# Forum Home Renovation Plastering  Removing old cornice.

## munruben

Is it difficult to remove part of the old cornice.  I have just installed a new kitchen and new bulkheads above some cupboards and of course they need to have cornices around the bulkheads. I have bought the new cornices to match the old ones which are quite fancy and deep. Now where the bulkheads meet the wall and the old cornice I need to mitre the old cornice with the new and create an internal corner. I have figured the best way for me to do this would be to cut out a small section of the old cornice, say about 300mm so I can join in a small section of new cornice with a simple but joint where the old meets the new and with the mitre cut on the other  end for the angle of the internal corner against the bulkhead.

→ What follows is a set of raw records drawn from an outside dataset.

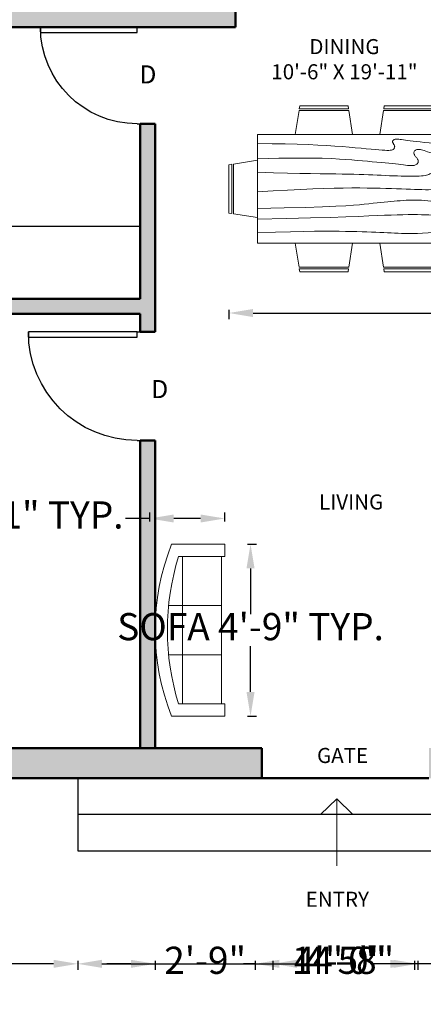
# Model space of a CAD drawing. Units: inches. Extents: x 2568 to 3190, y 746 to 1467.
# Tile 2 of 7: x 2767 to 2900, y 746 to 1073. Entities that reach past the tile are written whole.
import ezdxf

# ---------------------------------------------------------------- set-up
doc = ezdxf.new("R2010")
doc.units = ezdxf.units.IN
for name, color, linetype, lineweight in [('A-ANNO-DIMS', 2, 'Continuous', 18), ('A-ANNO-SYMB', 7, 'Continuous', 18), ('A-ANNO-TEXT', 7, 'Continuous', 18), ('A-AREA-IDEN', 7, 'Continuous', 25), ('A-DOOR', 3, 'Continuous', 25), ('A-FLOR-CASE', 8, 'Continuous', 25), ('A-FLOR-STRS', 7, 'Continuous', 25), ('A-FURN', 8, 'Continuous', 18), ('A-WALL', 7, 'Continuous', 50), ('A-WALL-PATT', 252, 'Continuous', 13)]:
    doc.layers.add(name, color=color, linetype=linetype, lineweight=lineweight)
doc.styles.get("Standard").update_dxf_attribs({"font": 'arial.ttf'})
doc.dimstyles.new('ISO-25', dxfattribs={"dimtxt": 9, "dimasz": 8, "dimexe": 2, "dimexo": 1, "dimtad": 0, "dimtih": 1, "dimtoh": 1, "dimdec": 1, "dimlunit": 3, "dimtxsty": 'Standard', "dimcen": 2.5, "dimclrd": 1, "dimclre": 3, "dimclrt": 6, "dimadec": 0, "dimazin": 0, "dimtfac": 1, "dimtdec": 1, "dimtmove": 0, "dimatfit": 3, "dimfxl": 1, "dimfxlon": 1, "dimarcsym": 0})

# ---------------------------------------------------------------- blocks, each defined once
blk = doc.blocks.new('*U7')
for p, q in [((0, 0), (0, -6)), ((36, 0), (36, -6))]:
    blk.add_line(p, q)
blk.add_lwpolyline([(0, 0), (0, 36), (1.75, 36), (1.75, 0)], close=True)
blk.add_arc((0, 0), 36, 0, 90)
blk = doc.blocks.new('*U8')
for p, q in [((0, 0), (0, -6)), ((32, 0), (32, -6))]:
    blk.add_line(p, q)
blk.add_lwpolyline([(0, 0), (0, 32), (1.75, 32), (1.75, 0)], close=True)
blk.add_arc((0, 0), 32, 0, 90)
blk = doc.blocks.new('Dining Set - 36 x 72 in.')
for p, q in [((-22, 27.5), (-22.1562, 26.50042)), ((-5.8416, 26.5), (-22.1534, 26.5)), ((-22, 27.5), (-6, 27.5)), ((-5.8437, 26.49966), (-6, 27.5)), ((6, 27.5), (5.8438, 26.50042)), ((22.1584, 26.5), (5.8466, 26.5)), ((6, 27.5), (22, 27.5)), ((22.1563, 26.49966), (22, 27.5)), ((-22.2343, 26.00059), (-23.4847, 17.99762)), ((-22.2304, 26), (-5.7608, 26)), ((-4.5152, 17.99762), (-5.7655, 25.99926)), ((5.7657, 26.00059), (4.5153, 17.99762)), ((5.7696, 26), (22.2392, 26)), ((23.4848, 17.99762), (22.2345, 25.99926)), ((36, 18), (-36, 18)), ((-36, 18), (-36, -18)), ((36, -18), (36, 18)), ((-45.5, 8), (-44.5004, 8.15617)), ((-45.5, 8), (-45.5, -8)), ((-44.5, -8.15843), (-44.5, 8.15338)), ((-44.0006, 8.23428), (-35.9976, 9.48474)), ((-44, 8.23041), (-44, -8.23915)), ((44.0006, 8.23428), (35.9976, 9.48474)), ((44, 8.23041), (44, -8.23915)), ((44.5, -8.15843), (44.5, 8.15338)), ((45.5, 8), (44.5005, 8.15617)), ((45.5, 8), (45.5, -8)), ((-44.4997, -8.15631), (-45.5, -8)), ((-35.9976, -9.48476), (-43.9993, -8.2345)), ((35.9976, -9.48476), (43.9993, -8.2345)), ((44.4997, -8.15631), (45.5, -8)), ((-36, -18), (36, -18)), ((-22.2343, -26.0006), (-23.4847, -17.99762)), ((-4.5152, -17.99762), (-5.7655, -25.99928)), ((5.7657, -26.0006), (4.5153, -17.99762)), ((23.4848, -17.99762), (22.2345, -25.99928)), ((-22.2304, -26), (-5.7608, -26)), ((5.7696, -26), (22.2392, -26)), ((-22, -27.5), (-22.1562, -26.50044)), ((-5.8416, -26.5), (-22.1534, -26.5)), ((-22, -27.5), (-6, -27.5)), ((-5.8437, -26.49967), (-6, -27.5)), ((6, -27.5), (5.8438, -26.50044)), ((22.1584, -26.5), (5.8466, -26.5)), ((6, -27.5), (22, -27.5)), ((22.1563, -26.49967), (22, -27.5))]:
    blk.add_line(p, q)
for points in [[(-36, 15), (-31.1772, 14.97754), (-26.8079, 14.91406), (-22.8538, 14.81543), (-19.276, 14.6875), (-16.0362, 14.53613), (-13.0957, 14.36718), (-10.4159, 14.18652), (-7.9583, 14), (-5.6904, 13.81315), (-3.6035, 13.63021), (-1.6954, 13.45508), (0.0365, 13.29166), (1.5945, 13.14388), (2.9811, 13.01562), (4.1988, 12.9108), (5.25, 12.83333), (6.1393, 12.78613), (6.8802, 12.76823), (7.4883, 12.77767), (7.9792, 12.8125), (8.3685, 12.87077), (8.6719, 12.95052), (8.9049, 13.0498), (9.0833, 13.16666), (9.2205, 13.29899), (9.3216, 13.44401), (9.3895, 13.59879), (9.4271, 13.76041), (9.4373, 13.92594), (9.4232, 14.09245), (9.3875, 14.257), (9.3333, 14.41666), (9.2638, 14.56917), (9.1836, 14.71484), (9.0975, 14.85465), (9.0104, 14.98958), (8.9272, 15.1206), (8.8529, 15.2487), (8.7922, 15.37483), (8.75, 15.5), (8.7305, 15.62467), (8.7344, 15.74739), (8.7617, 15.86621), (8.8125, 15.97916), (8.8867, 16.08431), (8.9844, 16.17968), (9.1055, 16.26334), (9.25, 16.33333), (9.4189, 16.38802), (9.6172, 16.42708), (9.8506, 16.45052), (10.125, 16.45833), (10.4463, 16.45052), (10.8203, 16.42708), (11.2529, 16.38802), (11.75, 16.33333), (12.3184, 16.26318), (12.9694, 16.17838), (13.7151, 16.07991), (14.5677, 15.96875), (15.5395, 15.84586), (16.6426, 15.71224), (17.8893, 15.56884), (19.2917, 15.41666), (20.859, 15.25667), (22.5879, 15.08984), (24.4721, 14.91715), (26.5052, 14.73958), (28.6809, 14.5581), (30.9929, 14.3737), (33.4347, 14.18733), (36, 14)], [(-36, 10), (-28.9766, 10.14274), (-23.1725, 10.20442), (-18.4241, 10.19775), (-14.5677, 10.13541), (-11.4399, 10.03011), (-8.877, 9.89453), (-6.7154, 9.74137), (-4.7917, 9.58333), (-2.9698, 9.43082), (-1.2246, 9.28515), (0.4415, 9.14534), (2.026, 9.01041), (3.5266, 8.87939), (4.9408, 8.7513), (6.266, 8.62516), (7.5, 8.5), (8.6411, 8.37549), (9.6914, 8.2539), (10.6538, 8.13818), (11.5312, 8.03125), (12.3267, 7.93603), (13.043, 7.85547), (13.6831, 7.79248), (14.25, 7.75), (14.7471, 7.7303), (15.1797, 7.73307), (15.5537, 7.75732), (15.875, 7.80208), (16.1494, 7.86637), (16.3828, 7.94922), (16.5811, 8.04964), (16.75, 8.16666), (16.8944, 8.29915), (17.0143, 8.44531), (17.1089, 8.60319), (17.1771, 8.77083), (17.218, 8.94629), (17.2305, 9.1276), (17.2137, 9.31282), (17.1667, 9.5), (17.0895, 9.6875), (16.987, 9.875), (16.8649, 10.0625), (16.7292, 10.25), (16.5856, 10.4375), (16.4401, 10.625), (16.2985, 10.8125), (16.1667, 11), (16.05, 11.18733), (15.9518, 11.3737), (15.8752, 11.5581), (15.8229, 11.73958), (15.798, 11.91715), (15.8034, 12.08984), (15.842, 12.25667), (15.9167, 12.41666), (16.0295, 12.56836), (16.1784, 12.70833), (16.3605, 12.83268), (16.5729, 12.9375), (16.8127, 13.01888), (17.0768, 13.07291), (17.3625, 13.0957), (17.6667, 13.08333), (17.9894, 13.03312), (18.3418, 12.94726), (18.7382, 12.82918), (19.1927, 12.68229), (19.7195, 12.51001), (20.3327, 12.31575), (21.0465, 12.10294), (21.875, 11.875), (22.8357, 11.63354), (23.959, 11.37304), (25.2786, 11.08618), (26.8282, 10.76562), (28.6414, 10.40405), (30.752, 9.99414), (33.1936, 9.52856), (36, 9)], [(-36, 5.5), (-30.7157, 5.3348), (-26.069, 5.20963), (-21.9946, 5.11767), (-18.4271, 5.05208), (-15.3009, 5.00602), (-12.5508, 4.97265), (-10.1112, 4.94515), (-7.9167, 4.91666), (-5.909, 4.88167), (-4.0586, 4.83984), (-2.3429, 4.79215), (-0.7396, 4.73958), (0.7739, 4.6831), (2.22, 4.6237), (3.6213, 4.56233), (5, 4.5), (6.373, 4.43782), (7.7344, 4.3776), (9.0723, 4.32129), (10.375, 4.27083), (11.6309, 4.22819), (12.8281, 4.19531), (13.9551, 4.17415), (15, 4.16666), (15.954, 4.17448), (16.819, 4.19791), (17.6001, 4.23698), (18.3021, 4.29166), (18.9299, 4.36198), (19.4883, 4.44791), (19.9823, 4.54948), (20.4167, 4.66666), (20.7969, 4.79899), (21.1302, 4.94401), (21.4245, 5.09879), (21.6875, 5.26041), (21.9271, 5.42594), (22.1511, 5.59245), (22.3672, 5.757), (22.5834, 5.91666), (22.8065, 6.06868), (23.0404, 6.21093), (23.2879, 6.34147), (23.5521, 6.45833), (23.8358, 6.55957), (24.142, 6.64323), (24.4735, 6.70735), (24.8334, 6.75), (25.2235, 6.76969), (25.642, 6.76692), (26.0858, 6.74267), (26.5521, 6.69791), (27.0379, 6.63362), (27.5404, 6.55078), (28.0565, 6.45036), (28.5834, 6.33333), (29.1242, 6.19987), (29.7071, 6.04687), (30.3661, 5.87044), (31.1354, 5.66666), (32.0493, 5.43164), (33.142, 5.16146), (34.4475, 4.85221), (36, 4.5)], [(-36, -1), (-30.7915, -0.6591), (-26.0195, -0.38216), (-21.6519, -0.16284), (-17.6563, 0.00521), (-14.0005, 0.12833), (-10.6523, 0.21289), (-7.5796, 0.26522), (-4.75, 0.29166), (-2.134, 0.29793), (0.2878, 0.28711), (2.5317, 0.26163), (4.6146, 0.22396), (6.5529, 0.17651), (8.3633, 0.12174), (10.0623, 0.06209), (11.6667, 0), (13.1899, -0.06201), (14.6341, -0.1211), (15.9982, -0.17432), (17.2813, -0.21875), (18.4823, -0.25147), (19.6003, -0.26953), (20.6343, -0.27002), (21.5834, -0.25), (22.4481, -0.20768), (23.2357, -0.14584), (23.9549, -0.06836), (24.6146, 0.02083), (25.2235, 0.11784), (25.7904, 0.21875), (26.3241, 0.31966), (26.8334, 0.41666), (27.3265, 0.50618), (27.8099, 0.58593), (28.2894, 0.65397), (28.7709, 0.70833), (29.2601, 0.74707), (29.763, 0.76823), (30.2855, 0.76985), (30.8334, 0.75), (31.4088, 0.70784), (31.9994, 0.64713), (32.589, 0.57275), (33.1615, 0.48958), (33.7008, 0.4025), (34.1908, 0.3164), (34.6153, 0.23616), (34.9584, 0.16666), (35.2099, 0.11165), (35.3848, 0.07031), (35.504, 0.04069), (35.5886, 0.02083), (35.6594, 0.00879), (35.7377, 0.0026), (35.8442, 0.00032), (36, 0)], [(-36, -6.5), (-27.1843, -6.31267), (-20.084, -6.1263), (-14.469, -5.9419), (-10.1094, -5.76042), (-6.7752, -5.58285), (-4.2363, -5.41016), (-2.2629, -5.24333), (-0.625, -5.08334), (0.8708, -4.93099), (2.2715, -4.78646), (3.5872, -4.64974), (4.8281, -4.52084), (6.0046, -4.39974), (7.127, -4.28646), (8.2053, -4.18099), (9.25, -4.08334), (10.2705, -3.99382), (11.2734, -3.91407), (12.2647, -3.84603), (13.25, -3.79167), (14.2354, -3.75293), (15.2266, -3.73177), (16.2295, -3.73015), (17.25, -3.75), (18.2912, -3.79248), (19.3451, -3.85547), (20.4009, -3.93604), (21.4479, -4.03125), (22.4754, -4.13819), (23.4727, -4.25391), (24.4289, -4.37549), (25.3334, -4.5), (26.1785, -4.62492), (26.9694, -4.74935), (27.7145, -4.87281), (28.4219, -4.99479), (29.1, -5.11483), (29.7572, -5.23242), (30.4016, -5.34709), (31.0417, -5.45834), (31.6837, -5.56437), (32.3262, -5.65821), (32.9658, -5.73153), (33.599, -5.77604), (34.2224, -5.78345), (34.8327, -5.74545), (35.4264, -5.65373), (36, -5.5)], [(-36, -10), (-26.4022, -9.81299), (-18.4675, -9.62891), (-11.9839, -9.45069), (-6.7396, -9.28125), (-2.5226, -9.12354), (0.8789, -8.98047), (3.6769, -8.85498), (6.0833, -8.75), (8.2767, -8.66765), (10.3021, -8.60677), (12.1712, -8.56543), (13.8958, -8.54167), (15.4876, -8.53353), (16.9583, -8.53907), (18.3197, -8.55632), (19.5834, -8.58334), (20.7616, -8.61841), (21.8685, -8.66081), (22.9188, -8.71004), (23.9271, -8.76563), (24.9081, -8.82707), (25.8763, -8.89388), (26.8465, -8.96558), (27.8334, -9.04167), (28.8474, -9.12118), (29.8828, -9.20117), (30.93, -9.27824), (31.9792, -9.34896), (33.0205, -9.40991), (34.0443, -9.45768), (35.0407, -9.48885), (36, -9.5)], [(-36, -14.5), (-30.0881, -14.33513), (-25.0332, -14.21224), (-20.7312, -14.12647), (-17.0781, -14.07292), (-13.97, -14.04671), (-11.3027, -14.04297), (-8.9724, -14.05681), (-6.875, -14.08334), (-4.9224, -14.11833), (-3.0905, -14.16016), (-1.3709, -14.20785), (0.2448, -14.26042), (1.7647, -14.3169), (3.1973, -14.3763), (4.5507, -14.43767), (5.8333, -14.5), (7.0554, -14.5621), (8.235, -14.62175), (9.3922, -14.67652), (10.5469, -14.72396), (11.7192, -14.76164), (12.929, -14.78711), (14.1965, -14.79794), (15.5417, -14.79167), (16.9933, -14.76424), (18.6152, -14.70508), (20.4804, -14.60197), (22.6615, -14.44271), (25.2312, -14.21509), (28.2624, -13.9069), (31.8277, -13.50594), (36, -13)]]:
    blk.add_lwpolyline(points)
blk = doc.blocks.new('Sofa - Roundback 7 ft.')
for p, q in [((-12.00002, -32.4421), (-12.00003, -6.5971)), ((11.99997, -32.4421), (11.99998, -6.5971)), ((-36.000027, -34), (-36.000027, -11.4696)), ((-35.999844, -13.3819), (35.9998, -13.3819)), ((35.99998, -34), (35.99998, -11.4696)), ((-36.000027, -32.4421), (35.99998, -32.4421))]:
    blk.add_line(p, q)
for points in [[(-36.000027, -34), (-42.000027, -34), (-42.000027, -8)], [(41.99998, -8), (41.99998, -34), (35.99998, -34)]]:
    blk.add_lwpolyline(points)
for centre, radius, start, end in [((0, -114.25), 114.25, 68.43141, 111.5686), ((-0.00001, -127.1968), 121.1968, 72.72033, 107.2797)]:
    blk.add_arc(centre, radius, start, end)
blk = doc.blocks.new('*D25')
at = {"layer": 'A-ANNO-DIMS', "color": 3, "lineweight": -2, "transparency": 16777216}
for p, q in [((2842.13, 898.94), (2845.13, 898.94)), ((2842.13, 841.97), (2845.13, 841.97))]:
    blk.add_line(p, q, dxfattribs=at)
at = {"layer": 'A-ANNO-DIMS', "color": 1, "lineweight": -2, "transparency": 16777216}
for p, q in [((2843.13, 890.94), (2843.13, 875.74)), ((2843.13, 849.97), (2843.13, 865.17))]:
    blk.add_line(p, q, dxfattribs=at)
at = {"layer": 'A-ANNO-DIMS', "color": 1, "transparency": 16777216}
for points in [[(2841.79, 890.94), (2844.46, 890.94), (2843.13, 898.94)], [(2841.79, 849.97), (2844.46, 849.97), (2843.13, 841.97)]]:
    blk.add_solid(points, dxfattribs=at)
at = {"layer": 'Defpoints', "color": 0, "transparency": 16777216}
for p in [(2834.58, 898.94), (2843.13, 898.94), (2834.58, 841.97)]:
    blk.add_point(p, dxfattribs=at)
at = {"layer": 'A-ANNO-DIMS', "color": 6, "transparency": 16777216, "insert": (2843.13, 870.46), "char_height": 9, "attachment_point": 5}
blk.add_mtext('SOFA 4\'-9" TYP.', dxfattribs=at)
blk = doc.blocks.new('*D26')
at = {"layer": 'A-ANNO-DIMS', "color": 1, "lineweight": -2, "transparency": 16777216}
for p, q in [((2809.71, 907.49), (2801.71, 907.49)), ((2826.58, 907.49), (2817.71, 907.49))]:
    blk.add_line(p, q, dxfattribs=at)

I hope I have made this clear.
So what I need to know is how do I remove the old section of cornice without damaging or removing part of the ceiling or wall so the new cornice can be fitted.

----------


## wheelinround

Removing can be the fun part the experts may have better ideas
Like rip it off and replace the lot. 
I have used a spatula like the ones used for icing cakes thin and long with enough force it can separate the bond unless its Liquid nails 
Make a template prior removal John as often all doesn't go well :Annoyed:

----------


## Rod Dyson

I *would not* cut it back 300mm, as then you have to match a mitre as well as a join. Joins are much harder to match. 
Even though the cornice looks the same, often it comes out of a different mould that is slightly different. Slight differences may be apparent in a join where they are not so apparent in a mitre.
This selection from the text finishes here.